競争社会は破綻し共生社会がやってくる

「自己実現」の時代が終わった後にやって来るのは「他者貢献」や「協力」「共生」の時代ではないだろうか。これからの貧しい時代はお互いに助け合わないとやっていけないから、競争社会や個人主義はこれからどんどんと廃れていくと思う。村社会の中で他者との繋がりや自身の役割を実感することに安心と幸せを見出すような生き方に回帰していくのではないだろうか。

現代の人々は既にもう「競争」を忌避し、他者との関係性を重視する価値観を取り始めている。オンラインサロンは「自己啓発」の場というよりは「馴れ合いの場」として機能しているし、メタバースはビジネスの場というよりはSNSやネットゲームのような共同体の場としての側面が強く求められている。オタクの推し活や美少女仮託は、自身の果たせない願望を他者に委ね、その他者を支える側に徹する振る舞いであると考えることができる。マイルドヤンキーの生き方は仲間との助け合いによって困難な時代を生きぬくという、まさしく人類の本能的な知恵である。若者の迷惑行為は、大きな社会よりも自分たちの小さな集団の方を重視するという意識の表れと言える(※2

これからの時代は「自分の居場所」や「自分の役割」を作ることが重要になっていくのではないだろうか。

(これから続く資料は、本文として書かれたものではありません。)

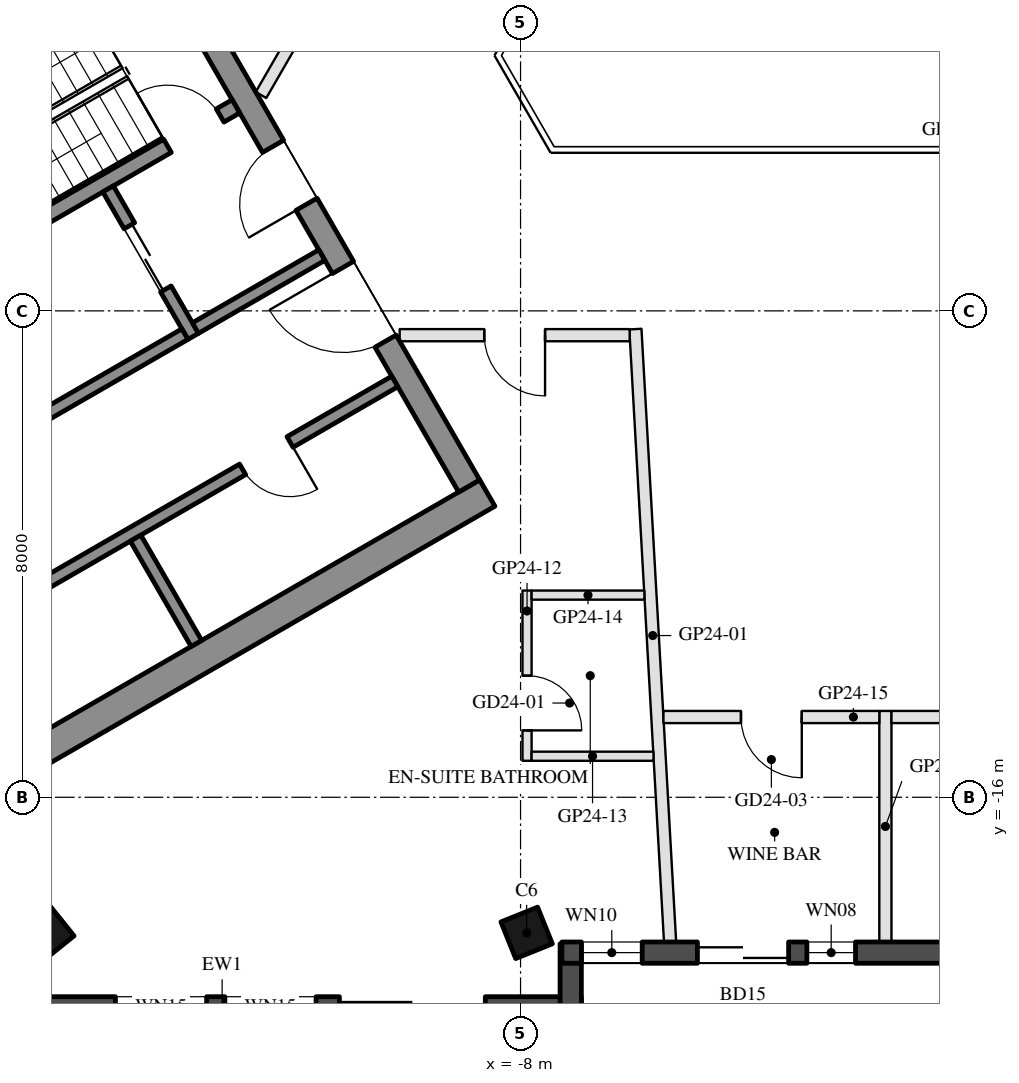
"""IFC4 building model, lengths in metres.
Left out: names, types, materials, properties, quantities, classifications, styles, units other than length and angle.
Written with IfcOpenShell. Run it as: python <this file> out.ifc"""

import sys

from ifc_helpers import new_model, si_unit, direction, frame, frame_2d, origin, origin_2d, place, context, subcontext, project, spatial, rectangle, hollow_rectangle, extrude, boolean, halfspace, element, fill, save


model = new_model("IFC4")
c1 = context("Model", 3, precision=1e-05, world=origin(), true_north=direction((0.0, 1.0)))
c2 = subcontext(c1, "Body", "Model", "MODEL_VIEW")
j1 = project(units=[si_unit("LENGTHUNIT", "METRE"), si_unit("PLANEANGLEUNIT", "RADIAN")], contexts=[c1])
p1 = place(None, origin())
s1 = spatial("IfcSite", under=j1, at=p1, CompositionType="ELEMENT")
p2 = place(p1, origin())
s2 = spatial("IfcBuilding", under=s1, at=p2, CompositionType="ELEMENT")
p3 = place(p2, frame((0.0, 0.0, 254.1)))
s3 = spatial("IfcBuildingStorey", under=s2, at=p3, CompositionType="ELEMENT", Elevation=254.1)
p4 = place(p3, frame((-15.8, -18.23, 0.0), z_axis=(0.121069901949, 0.150398600122, 0.981184151892), x_axis=(-0.992602524484, 0.009308864005, 0.121051945213)))
e1 = element("IfcColumn", 1, at=p4, inside=s3, PredefinedType="COLUMN", context=c2, shape_type="SweptSolid", body=[
    boolean("DIFFERENCE", boolean("DIFFERENCE", extrude(hollow_rectangle(XDim=0.65, YDim=0.65, WallThickness=0.03, at=origin_2d()), origin(), (0.0, 0.0, 1.0), 3.771), halfspace(frame((0.0, 0.0, 0.047), z_axis=(0.0, 0.0, 1.0), x_axis=(1.0, 0.0, 0.0)), True)), halfspace(frame((0.0, 0.0, 3.724), z_axis=(0.0, 0.0, 1.0), x_axis=(1.0, 0.0, 0.0)), False)),
])
p5 = place(p3, frame((-7.9, -18.23, 0.0), z_axis=(0.060805602285, 0.151232777417, 0.986626234075), x_axis=(-0.998137511125, 0.004342411053, 0.060849423591)))
e2 = element("IfcColumn", 2, at=p5, inside=s3, PredefinedType="COLUMN", context=c2, shape_type="SweptSolid", body=[
    boolean("DIFFERENCE", boolean("DIFFERENCE", extrude(hollow_rectangle(XDim=0.65, YDim=0.65, WallThickness=0.03, at=origin_2d()), origin(), (0.0, 0.0, 1.0), 3.75), halfspace(frame((0.0, 0.0, 0.04), z_axis=(0.0, 0.0, 1.0), x_axis=(1.0, 0.0, 0.0)), True)), halfspace(frame((0.0, 0.0, 3.71), z_axis=(0.0, 0.0, 1.0), x_axis=(1.0, 0.0, 0.0)), False)),
])
p6 = place(p3, frame((-18.816, -19.455, 0.0), z_axis=(0.0, 0.0, 1.0), x_axis=(1.0, 0.0, 0.0)))
e3 = element("IfcWall", 3, at=p6, inside=s3, PredefinedType="SOLIDWALL", context=c2, shape_type="SweptSolid", body=[
    extrude(rectangle(XDim=11.816, YDim=0.35, at=frame_2d((5.908, 0.0))), origin(), (0.0, 0.0, 1.0), 3.55),
])
p7 = place(p6, frame((0.381, 0.0, 0.3)))
e4 = element("IfcOpeningElement", 4, at=p7, cuts=e3, PredefinedType="OPENING", context=c2, shape_type="SweptSolid", body=[
    extrude(rectangle(XDim=1.9, YDim=2.65, at=frame_2d((0.95, 1.325))), frame((0.0, 0.185, 0.0), z_axis=(0.0, -1.0, 0.0), x_axis=(1.0, 0.0, 0.0)), (0.0, 0.0, 1.0), 0.37),
])
p8 = place(p6, frame((7.836, 0.0, 0.0)))
e5 = element("IfcOpeningElement", 5, at=p8, cuts=e3, PredefinedType="OPENING", context=c2, shape_type="SweptSolid", body=[
    extrude(rectangle(XDim=2.4, YDim=2.4, at=frame_2d((1.2, 1.2))), frame((0.0, 0.185, 0.0), z_axis=(0.0, -1.0, 0.0), x_axis=(1.0, 0.0, 0.0)), (0.0, 0.0, 1.0), 0.37),
])
p9 = place(p6, frame((4.153, 0.0, 0.3)))
e6 = element("IfcOpeningElement", 6, at=p9, cuts=e3, PredefinedType="OPENING", context=c2, shape_type="SweptSolid", body=[
    extrude(rectangle(XDim=1.5, YDim=2.65, at=frame_2d((0.75, 1.325))), frame((0.0, 0.185, 0.0), z_axis=(0.0, -1.0, 0.0), x_axis=(1.0, 0.0, 0.0)), (0.0, 0.0, 1.0), 0.37),
])
p10 = place(p6, frame((5.953, 0.0, 0.3)))
e7 = element("IfcOpeningElement", 7, at=p10, cuts=e3, PredefinedType="OPENING", context=c2, shape_type="SweptSolid", body=[
    extrude(rectangle(XDim=1.5, YDim=2.65, at=frame_2d((0.75, 1.325))), frame((0.0, 0.185, 0.0), z_axis=(0.0, -1.0, 0.0), x_axis=(1.0, 0.0, 0.0)), (0.0, 0.0, 1.0), 0.37),
])
p11 = place(p3, frame((-7.175, -19.63, 0.0), z_axis=(0.0, 0.0, 1.0), x_axis=(0.0, 1.0, 0.0)))
e8 = element("IfcWall", 8, at=p11, inside=s3, PredefinedType="SOLIDWALL", context=c2, shape_type="SweptSolid", body=[
    extrude(rectangle(XDim=1.22, YDim=0.35, at=frame_2d((0.61, 0.0))), origin(), (0.0, 0.0, 1.0), 3.55),
])
p12 = place(p3, frame((-7.32, -18.555, 0.0), z_axis=(0.0, 0.0, 1.0), x_axis=(1.0, 0.0, 0.0)))
e9 = element("IfcWall", 9, at=p12, inside=s3, PredefinedType="SOLIDWALL", context=c2, shape_type="SweptSolid", body=[
    extrude(rectangle(XDim=6.74, YDim=0.35, at=frame_2d((3.37, 0.0))), origin(), (0.0, 0.0, 1.0), 3.55),
])
p13 = place(p12, frame((0.32, 0.0, 0.3)))
e10 = element("IfcOpeningElement", 10, at=p13, cuts=e9, PredefinedType="OPENING", context=c2, shape_type="SweptSolid", body=[
    extrude(rectangle(XDim=1.0, YDim=2.65, at=frame_2d((0.5, 1.325))), frame((0.0, 0.185, 0.0), z_axis=(0.0, -1.0, 0.0), x_axis=(1.0, 0.0, 0.0)), (0.0, 0.0, 1.0), 0.37),
])
p14 = place(p12, frame((2.229, 0.0, 0.0)))
e11 = element("IfcOpeningElement", 11, at=p14, cuts=e9, PredefinedType="OPENING", context=c2, shape_type="SweptSolid", body=[
    extrude(rectangle(XDim=1.5, YDim=2.4, at=frame_2d((0.75, 1.2))), frame((0.0, 0.185, 0.0), z_axis=(0.0, -1.0, 0.0), x_axis=(1.0, 0.0, 0.0)), (0.0, 0.0, 1.0), 0.37),
])
p15 = place(p12, frame((4.029, 0.0, 0.3)))
e12 = element("IfcOpeningElement", 12, at=p15, cuts=e9, PredefinedType="OPENING", context=c2, shape_type="SweptSolid", body=[
    extrude(rectangle(XDim=0.8, YDim=2.65, at=frame_2d((0.4, 1.325))), frame((0.0, 0.185, 0.0), z_axis=(0.0, -1.0, 0.0), x_axis=(1.0, 0.0, 0.0)), (0.0, 0.0, 1.0), 0.37),
])
for number, where, z_axis, x_axis in (
    (13, (-13.797, -1.903, 0.0), (0.0, 0.0, 1.0), (-0.866, -0.5, 0.0)),
    (14, (-8.547, -10.997, 0.0), (0.0, 0.0, 1.0), (-0.866, -0.5, 0.0)),
):
    element("IfcWall", number, at=place(p3, frame(where, z_axis=z_axis, x_axis=x_axis)), inside=s3, PredefinedType="SHEAR", context=c2, shape_type="SweptSolid", body=[
        extrude(rectangle(XDim=14.837, YDim=0.5, at=frame_2d((7.418, 0.0))), origin(), (0.0, 0.0, 1.0), 3.5),
    ])
p16 = place(p3, frame((-13.845, -2.22, 0.0), z_axis=(0.0, 0.0, 1.0), x_axis=(0.500004234368, -0.866022959057, 0.0)))
e15 = element("IfcWall", 15, at=p16, inside=s3, PredefinedType="SHEAR", context=c2, shape_type="SweptSolid", body=[
    extrude(rectangle(XDim=10.0, YDim=0.4, at=frame_2d((5.0, 0.0))), origin(), (0.0, 0.0, 1.0), 3.5),
])
p17 = place(p16, frame((3.55, 0.0, 0.0)))
e16 = element("IfcOpeningElement", 16, at=p17, cuts=e15, PredefinedType="OPENING", context=c2, shape_type="SweptSolid", body=[
    extrude(rectangle(XDim=1.1, YDim=2.1, at=frame_2d((0.55, 1.05))), frame((0.0, 0.21, 0.0), z_axis=(0.0, -1.0, 0.0), x_axis=(1.0, 0.0, 0.0)), (0.0, 0.0, 1.0), 0.42),
])
p18 = place(p16, frame((5.85, 0.0, 0.0)))
e17 = element("IfcOpeningElement", 17, at=p18, cuts=e15, PredefinedType="OPENING", context=c2, shape_type="SweptSolid", body=[
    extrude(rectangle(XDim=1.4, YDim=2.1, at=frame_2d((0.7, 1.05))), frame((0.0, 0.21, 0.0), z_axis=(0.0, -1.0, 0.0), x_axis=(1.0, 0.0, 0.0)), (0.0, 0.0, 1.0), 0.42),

これまでの社会では、自身の欲望を満たすための「富」と「地位」が求められてきた。これからは自分たちの安心を満たすための「居場所」と「役割」が求められていくだろう。※1

これからの衰退する社会では「他者」との幸せに価値を見出すことが求められる。

※1 これまでの競争社会では「自己」の幸せこそが何よりの価値と信じられてきた。だからこそ人々はそれが得られないことの苦しみに悩まされ、また他者を蹴落とし競い合うことの苦しみにさえも悩まされ続けてきたのである。ある者はそれを諦めて自宅に引きこもり、またあるものは心を殺して血反吐を吐きながらそれを追い求め続けた。「止まる」か「進む」か、その二者択一を個人に迫り、皆で「引き返す」という道を覆い隠してきたのが「自己責任」という言葉である。この社会が持続し続ける限り、人々がその呪縛から逃れることはできない。
※2 昨今問題になっている若者の迷惑行為は、大きな社会よりも自分たちの小さな集団の方を重視しようとする意識の表れである。彼らにとっては自分たちの所属する集団こそが全てであり最優先すべき存在なのである。群れの外では生きていけないことを、彼らはこの格差社会の中で敏感に察している。だから彼らは常に集団の中で周りの人々に気に入られようと振る舞い、ひいては集団の意思に従う形で迷惑行為へと走ってしまう。試し試される環境の中で彼らは自分たちの絆を深め合い、自分たちがこの世界で生きていることの実感を感じ合っているのだ。